Aside from all the guides included (which are surely a pretty penny themselves), the WiFi antenna is quite small (2.25 inches / 57.15mm) and the length of the cord for the base extension is just enough to put it on top of a case.  The M-Connectors and V-Check cables are a nice addition, and four SATA cables makes sense with only six SATA connections on board - but I cannot help feeling that we are missing something.  What the package needs is a MSI Z77 MPower branded peripheral (USB 3.0 Front Panel?) to separate it from all the normal stuff that is thrown into a motherboard package.

MSI Z77 MPower Overclocking

Note: Ivy Bridge does not overclock like Sandy Bridge.  For a detailed report on the effect of voltage on Ivy Bridge (and thus temperatures and power draw), please read Undervolting and Overclocking on Ivy Bridge.

Experience with MSI Z77 MPower

After a positive experience in our last Z77 review with our new i7-3770K chip, I was hoping for something similar enough from the Z77 MPower.  As always with Ivy Bridge, our limit always seems to lie with the processor cooling rather than the motherboard itself when dealing with air/water overclocking.

The Z77 MPower has an middle-of-the-road one-button overclock, limited automatic overclock options, a confusing array of BIOS options to actually perform an overclock, frustrating BIOS flashing/repair, and relatively poor BCLK overclock performance, hitting 105 MHz only on our sample despite other users obtaining higher results.  But it did hit 5.0 GHz stable on our processor with relative ease, thanks to the blast of some cold outside air while testing at 2AM next to an open window, and was very comfortable running our DDR3-2666 C11 kit at DDR3-2800 C11 with no change in the voltage, just a change in memory strap.

Methodology:

Our standard overclocking methodology is as follows.  We select the automatic overclock options and test for stability with PovRay and OCCT to simulate high-end workloads.  These stability tests aim to catch any immediate causes for memory or CPU errors.

For manual overclocks, based on the information gathered from previous testing, starts off at a nominal voltage and CPU multiplier, and the multiplier is increased until the stability tests are failed.  The CPU voltage is increased gradually until the stability tests are passed, and the process repeated until the motherboard reduces the multiplier automatically (due to safety protocol) or the CPU temperature reaches a stupidly high level (100ºC+).
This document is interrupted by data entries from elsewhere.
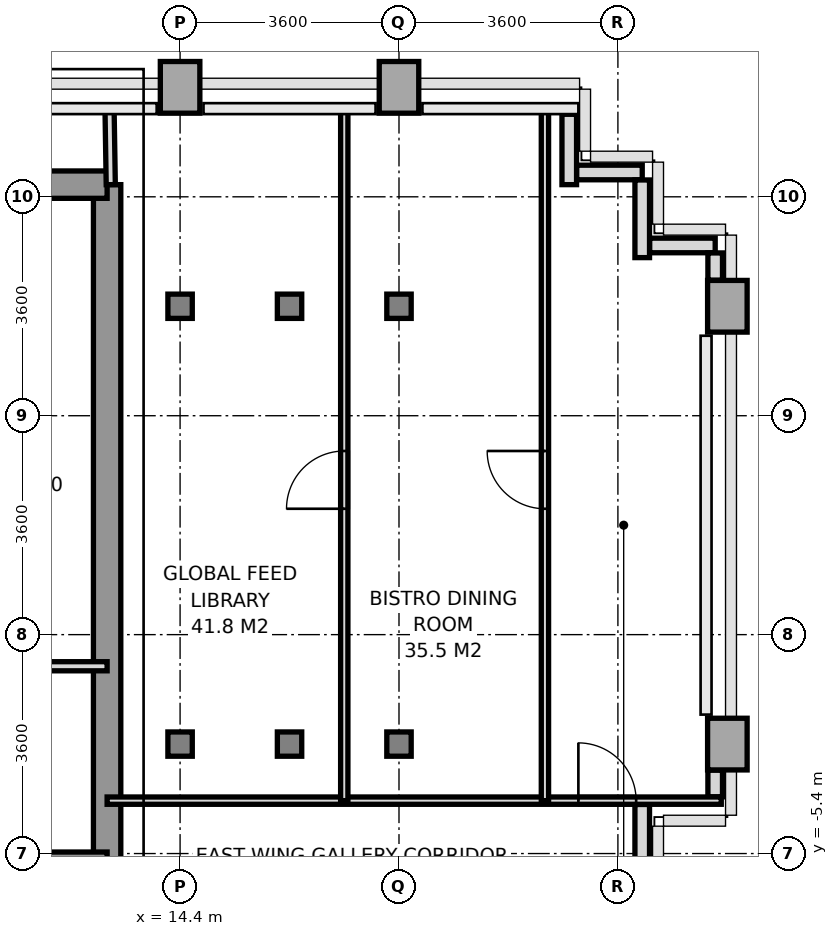
"""IFC4 building model, lengths in metres.
Left out: names, types, materials, properties, quantities, classifications, styles, units other than length and angle.
Written with IfcOpenShell. Run it as: python <this file> out.ifc"""

import sys

from ifc_helpers import new_model, si_unit, direction, frame, frame_2d, origin, origin_2d, place, context, subcontext, project, spatial, rectangle, i_section, extrude, source, transform, mapped, element, fill, save


model = new_model("IFC4")
c1 = context("Model", 3, precision=1e-05, world=origin(), true_north=direction((0.0, 1.0)))
c2 = subcontext(c1, "Body", "Model", "MODEL_VIEW")
j1 = project(units=[si_unit("LENGTHUNIT", "METRE"), si_unit("PLANEANGLEUNIT", "RADIAN")], contexts=[c1])
p1 = place(None, origin())
s1 = spatial("IfcSite", under=j1, at=p1, CompositionType="ELEMENT")
p2 = place(p1, origin())
s2 = spatial("IfcBuilding", under=s1, at=p2, CompositionType="ELEMENT")
p3 = place(p2, frame((0.0, 0.0, 124.4)))
s3 = spatial("IfcBuildingStorey", under=s2, at=p3, CompositionType="ELEMENT", Elevation=124.4)
m1 = source(origin(), c2, "Body", "SweptSolid", [
    extrude(i_section(OverallWidth=0.401, OverallDepth=0.399, WebThickness=0.02, FlangeThickness=0.032, at=origin_2d()), origin(), (0.0, 0.0, 1.0), 3.2),
])
for number, where, z_axis, x_axis in (
    (1, (14.4, -3.6, 0.0), (0.0, 0.0, 1.0), (1.0, 0.0, 0.0)),
    (2, (14.4, 3.6, 0.0), (0.0, 0.0, 1.0), (1.0, 0.0, 0.0)),
):
    element("IfcColumn", number, at=place(p3, frame(where, z_axis=z_axis, x_axis=x_axis)), inside=s3, PredefinedType="COLUMN", context=c2, shape_type="MappedRepresentation", body=[
        mapped(m1, transform((0.0, 0.0, 0.0), x_axis=(1.0, 0.0, 0.0), y_axis=(0.0, 1.0, 0.0), z_axis=(0.0, 0.0, 1.0), scale=1.0)),
    ])
m2 = source(origin(), c2, "Body", "SweptSolid", [
    extrude(rectangle(XDim=0.65, YDim=0.85, at=origin_2d()), origin(), (0.0, 0.0, 1.0), 3.2),
])
p4 = place(p3, frame((14.4, 7.2, 0.0), z_axis=(0.0, 0.0, 1.0), x_axis=(1.0, 0.0, 0.0)))
e3 = element("IfcColumn", 3, at=p4, inside=s3, PredefinedType="COLUMN", context=c2, shape_type="MappedRepresentation", body=[
    mapped(m2, transform((0.0, 0.0, 0.0), x_axis=(1.0, 0.0, 0.0), y_axis=(0.0, 1.0, 0.0), z_axis=(0.0, 0.0, 1.0), scale=1.0)),
])
for number, where, z_axis, x_axis in (
    (4, (16.2, -3.6, 0.0), (0.0, 0.0, 1.0), (1.0, 0.0, 0.0)),
    (5, (16.2, 3.6, 0.0), (0.0, 0.0, 1.0), (1.0, 0.0, 0.0)),
    (6, (18.0, -3.6, 0.0), (0.0, 0.0, 1.0), (1.0, 0.0, 0.0)),
    (7, (18.0, 3.6, 0.0), (0.0, 0.0, 1.0), (1.0, 0.0, 0.0)),
):
    element("IfcColumn", number, at=place(p3, frame(where, z_axis=z_axis, x_axis=x_axis)), inside=s3, PredefinedType="COLUMN", context=c2, shape_type="MappedRepresentation", body=[
        mapped(m1, transform((0.0, 0.0, 0.0), x_axis=(1.0, 0.0, 0.0), y_axis=(0.0, 1.0, 0.0), z_axis=(0.0, 0.0, 1.0), scale=1.0)),
    ])
for number, where, z_axis, x_axis in (
    (8, (18.0, 7.2, 0.0), (0.0, 0.0, 1.0), (1.0, 0.0, 0.0)),
    (9, (23.4, -3.6, 0.0), (0.0, 0.0, 1.0), (1.0, 0.0, 0.0)),
    (10, (23.4, 3.6, 0.0), (0.0, 0.0, 1.0), (1.0, 0.0, 0.0)),
):
    element("IfcColumn", number, at=place(p3, frame(where, z_axis=z_axis, x_axis=x_axis)), inside=s3, PredefinedType="COLUMN", context=c2, shape_type="MappedRepresentation", body=[
        mapped(m2, transform((0.0, 0.0, 0.0), x_axis=(1.0, 0.0, 0.0), y_axis=(0.0, 1.0, 0.0), z_axis=(0.0, 0.0, 1.0), scale=1.0)),
    ])
p5 = place(p3, frame((22.0, -4.593, 0.0), z_axis=(0.0, 0.0, 1.0), x_axis=(0.0, -1.0, 0.0)))
e11 = element("IfcWall", 11, at=p5, inside=s3, PredefinedType="PARAPET", context=c2, shape_type="SweptSolid", body=[
    extrude(rectangle(XDim=1.207, YDim=0.24, at=frame_2d((0.604, 0.0))), origin(), (0.0, 0.0, 1.0), 1.15),
])
p6 = place(p3, frame((20.8, 6.757, 0.0), z_axis=(0.0, 0.0, 1.0), x_axis=(0.0, -1.0, 0.0)))
e12 = element("IfcWall", 12, at=p6, inside=s3, PredefinedType="PARAPET", context=c2, shape_type="SweptSolid", body=[
    extrude(rectangle(XDim=1.157, YDim=0.24, at=frame_2d((0.579, 0.0))), origin(), (0.0, 0.0, 1.0), 1.15),
])
p7 = place(p3, frame((20.923, 5.8, 0.0), z_axis=(0.0, 0.0, 1.0), x_axis=(1.0, 0.0, 0.0)))
e13 = element("IfcWall", 13, at=p7, inside=s3, PredefinedType="PARAPET", context=c2, shape_type="SweptSolid", body=[
    extrude(rectangle(XDim=1.077, YDim=0.24, at=frame_2d((0.539, 0.0))), origin(), (0.0, 0.0, 1.0), 1.15),
])
p8 = place(p3, frame((22.0, 5.677, 0.0), z_axis=(0.0, 0.0, 1.0), x_axis=(0.0, -1.0, 0.0)))
e14 = element("IfcWall", 14, at=p8, inside=s3, PredefinedType="PARAPET", context=c2, shape_type="SweptSolid", body=[
    extrude(rectangle(XDim=1.277, YDim=0.24, at=frame_2d((0.639, 0.0))), origin(), (0.0, 0.0, 1.0), 1.15),
])
p9 = place(p3, frame((22.123, 4.6, 0.0), z_axis=(0.0, 0.0, 1.0), x_axis=(1.0, 0.0, 0.0)))
e15 = element("IfcWall", 15, at=p9, inside=s3, PredefinedType="PARAPET", context=c2, shape_type="SweptSolid", body=[
    extrude(rectangle(XDim=1.077, YDim=0.24, at=frame_2d((0.539, 0.0))), origin(), (0.0, 0.0, 1.0), 1.15),
])
p10 = place(p3, frame((23.2, 4.477, 0.0), z_axis=(0.0, 0.0, 1.0), x_axis=(0.0, -1.0, 0.0)))
e16 = element("IfcWall", 16, at=p10, inside=s3, PredefinedType="PARAPET", context=c2, shape_type="SweptSolid", body=[
    extrude(rectangle(XDim=0.449, YDim=0.24, at=frame_2d((0.225, 0.0))), origin(), (0.0, 0.0, 1.0), 1.15),
])
p11 = place(p3, frame((23.2, -4.028, 0.0), z_axis=(0.0, 0.0, 1.0), x_axis=(0.0, -1.0, 0.0)))
e17 = element("IfcWall", 17, at=p11, inside=s3, PredefinedType="PARAPET", context=c2, shape_type="SweptSolid", body=[
    extrude(rectangle(XDim=0.439, YDim=0.24, at=frame_2d((0.219, 0.0))), origin(), (0.0, 0.0, 1.0), 1.15),
])
p12 = place(p3, frame((13.2, -5.6, 0.0), z_axis=(0.0, 0.0, 1.0), x_axis=(0.0, 1.0, 0.0)))
e18 = element("IfcWall", 18, at=p12, inside=s3, PredefinedType="SHEAR", context=c2, shape_type="SweptSolid", body=[
    extrude(rectangle(XDim=11.2, YDim=0.45, at=frame_2d((5.6, 0.0))), origin(), (0.0, 0.0, 1.0), 3.2),
])
p13 = place(p3, frame((11.381, 5.6, 0.0), z_axis=(0.0, 0.0, 1.0), x_axis=(1.0, 0.0, 0.0)))
e19 = element("IfcWall", 19, at=p13, inside=s3, PredefinedType="SHEAR", context=c2, shape_type="SweptSolid", body=[
    extrude(rectangle(XDim=1.819, YDim=0.45, at=frame_2d((0.909, 0.0))), origin(), (0.0, 0.0, 1.0), 3.2),
])
p14 = place(p3, frame((5.4, -5.6, 0.0), z_axis=(0.0, 0.0, 1.0), x_axis=(1.0, 0.0, 0.0)))
e20 = element("IfcWall", 20, at=p14, inside=s3, PredefinedType="SHEAR", context=c2, shape_type="SweptSolid", body=[
    extrude(rectangle(XDim=7.8, YDim=0.45, at=frame_2d((3.9, 0.0))), origin(), (0.0, 0.0, 1.0), 3.2),
])
p15 = place(p14, frame((3.0, 0.0, 0.0)))
e21 = element("IfcOpeningElement", 21, at=p15, cuts=e20, PredefinedType="OPENING", context=c2, shape_type="SweptSolid", body=[
    extrude(rectangle(XDim=1.2, YDim=2.2, at=frame_2d((0.6, 1.1))), frame((0.0, 0.235, 0.0), z_axis=(0.0, -1.0, 0.0), x_axis=(1.0, 0.0, 0.0)), (0.0, 0.0, 1.0), 0.47),
])
p16 = place(p14, frame((5.85, 0.0, 0.0)))
e22 = element("IfcOpeningElement", 22, at=p16, cuts=e20, PredefinedType="OPENING", context=c2, shape_type="SweptSolid", body=[
    extrude(rectangle(XDim=0.8, YDim=2.1, at=frame_2d((0.4, 1.05))), frame((0.0, 0.235, 0.0), z_axis=(0.0, -1.0, 0.0), x_axis=(1.0, 0.0, 0.0)), (0.0, 0.0, 1.0), 0.47),
])
p17 = place(p3, frame((11.02, -2.32, 0.0), z_axis=(0.0, 0.0, 1.0), x_axis=(1.0, 0.0, 0.0)))
e23 = element("IfcWall", 23, at=p17, inside=s3, PredefinedType="PARTITIONING", context=c2, shape_type="SweptSolid", body=[
    extrude(rectangle(XDim=2.18, YDim=0.15, at=frame_2d((1.09, 0.0))), origin(), (0.0, 0.0, 1.0), 3.2),
])
p18 = place(p3, frame((13.26, 5.6, 0.0), z_axis=(0.0, 0.0, 1.0), x_axis=(-0.016013571389, 0.999871774545, 0.0)))
e24 = element("IfcWall", 24, at=p18, inside=s3, PredefinedType="PARTITIONING", context=c2, shape_type="SweptSolid", body=[
    extrude(rectangle(XDim=1.25, YDim=0.15, at=frame_2d((0.625, 0.0))), origin(), (0.0, 0.0, 1.0), 3.2),
])
p19 = place(p3, frame((13.2, -4.53, 0.0), z_axis=(0.0, 0.0, 1.0), x_axis=(1.0, 0.0, 0.0)))
e25 = element("IfcWall", 25, at=p19, inside=s3, PredefinedType="PARTITIONING", context=c2, shape_type="SweptSolid", body=[
    extrude(rectangle(XDim=10.1, YDim=0.12, at=frame_2d((5.05, 0.0))), origin(), (0.0, 0.0, 1.0), 2.76),
])
p20 = place(p19, frame((7.75, 0.0, 0.0)))
e26 = element("IfcOpeningElement", 26, at=p20, cuts=e25, PredefinedType="OPENING", context=c2, shape_type="SweptSolid", body=[
    extrude(rectangle(XDim=0.95, YDim=2.15, at=frame_2d((0.475, 1.075))), frame((0.0, 0.07, 0.0), z_axis=(0.0, -1.0, 0.0), x_axis=(1.0, 0.0, 0.0)), (0.0, 0.0, 1.0), 0.14),
])
p21 = place(p3, frame((17.1, -4.53, 0.0), z_axis=(0.0, 0.0, 1.0), x_axis=(0.0, 1.0, 0.0)))
e27 = element("IfcWall", 27, at=p21, inside=s3, PredefinedType="PARTITIONING", context=c2, shape_type="SweptSolid", body=[
    extrude(rectangle(XDim=11.38, YDim=0.12, at=frame_2d((5.69, 0.0))), origin(), (0.0, 0.0, 1.0), 2.7),
])
p22 = place(p21, frame((4.8, 0.0, 0.0)))
e28 = element("IfcOpeningElement", 28, at=p22, cuts=e27, PredefinedType="OPENING", context=c2, shape_type="SweptSolid", body=[
    extrude(rectangle(XDim=0.95, YDim=2.15, at=frame_2d((0.475, 1.075))), frame((0.0, 0.07, 0.0), z_axis=(0.0, -1.0, 0.0), x_axis=(1.0, 0.0, 0.0)), (0.0, 0.0, 1.0), 0.14),
])
p23 = place(p3, frame((20.4, -4.53, 0.0), z_axis=(0.0, 0.0, 1.0), x_axis=(0.0, 1.0, 0.0)))
e29 = element("IfcWall", 29, at=p23, inside=s3, PredefinedType="PARTITIONING", context=c2, shape_type="SweptSolid", body=[
    extrude(rectangle(XDim=11.38, YDim=0.12, at=frame_2d((5.69, 0.0))), origin(), (0.0, 0.0, 1.0), 2.7),
])
p24 = place(p23, frame((4.8, 0.0, 0.0)))
e30 = element("IfcOpeningElement", 30, at=p24, cuts=e29, PredefinedType="OPENING", context=c2, shape_type="SweptSolid", body=[
    extrude(rectangle(XDim=0.95, YDim=2.15, at=frame_2d((0.475, 1.075))), frame((0.0, 0.07, 0.0), z_axis=(0.0, -1.0, 0.0), x_axis=(1.0, 0.0, 0.0)), (0.0, 0.0, 1.0), 0.14),
])
m3 = source(origin(), c2, "Body", "SweptSolid", [
    extrude(rectangle(XDim=0.95, YDim=2.15, at=frame_2d((0.475, 1.075))), frame((0.0, 0.025, 0.0), z_axis=(0.0, -1.0, 0.0), x_axis=(1.0, 0.0, 0.0)), (0.0, 0.0, 1.0), 0.05),
])
p25 = place(p22, origin())
e31 = element("IfcDoor", 31, at=p25, inside=s3, OperationType="SINGLE_SWING_LEFT", PredefinedType="DOOR", context=c2, shape_type="MappedRepresentation", body=[
    mapped(m3, transform((0.0, 0.0, 0.0), x_axis=(1.0, 0.0, 0.0), y_axis=(0.0, 1.0, 0.0), z_axis=(0.0, 0.0, 1.0), scale=1.0)),
])
fill(e28, e31)
p26 = place(p24, origin())
e32 = element("IfcDoor", 32, at=p26, inside=s3, OperationType="SINGLE_SWING_RIGHT", PredefinedType="DOOR", context=c2, shape_type="MappedRepresentation", body=[
    mapped(m3, transform((0.0, 0.0, 0.0), x_axis=(1.0, 0.0, 0.0), y_axis=(0.0, 1.0, 0.0), z_axis=(0.0, 0.0, 1.0), scale=1.0)),
])
fill(e30, e32)
p27 = place(p20, origin())
e33 = element("IfcDoor", 33, at=p27, inside=s3, OperationType="SINGLE_SWING_LEFT", PredefinedType="DOOR", context=c2, shape_type="MappedRepresentation", body=[
    mapped(m3, transform((0.0, 0.0, 0.0), x_axis=(1.0, 0.0, 0.0), y_axis=(0.0, 1.0, 0.0), z_axis=(0.0, 0.0, 1.0), scale=1.0)),
])
fill(e26, e33)
save(model, sys.argv[1])

Our test bed is not in a case, which should push overclocks higher with fresher (cooler) air. 

Automatic Overclock:

In comparison to the ASRock Z77 OC Formula with its 11 different automatic overclock options, the MSI Z77 MPower offers a single option in two different locations.  This is the OC Genie, which can be enabled by the onboard button, or by the Control Center software in the operating system.  The settings for OC Genie can be modified in the BIOS, but here we test what MSI have deemed ‘safe’.

Under this OC Genie setting the CPU is put up to 42x on the multiplier, which due to the BCLK on BIOS 17.6 results in a total speed of 42x99.77 = 4190 MHz (on earlier BIOSes, such as 17.4, the base BCLK was 100.5 MHz).  The setting also gave our 2400 C9 memory a bump from the base 1333 C9 to 2133 C9, suggesting an ‘XMP minus one’ setting.  All other options in the BIOS were left unchanged by the OC Genie, and this resulted in a load CPU voltage in the OS of 1.072 V.  The overclock passed PovRay and OCCT, hitting 63ºC as a peak temperature.  It should be noted however that in this setting, the system would not reduce down the multiplier for idle mode.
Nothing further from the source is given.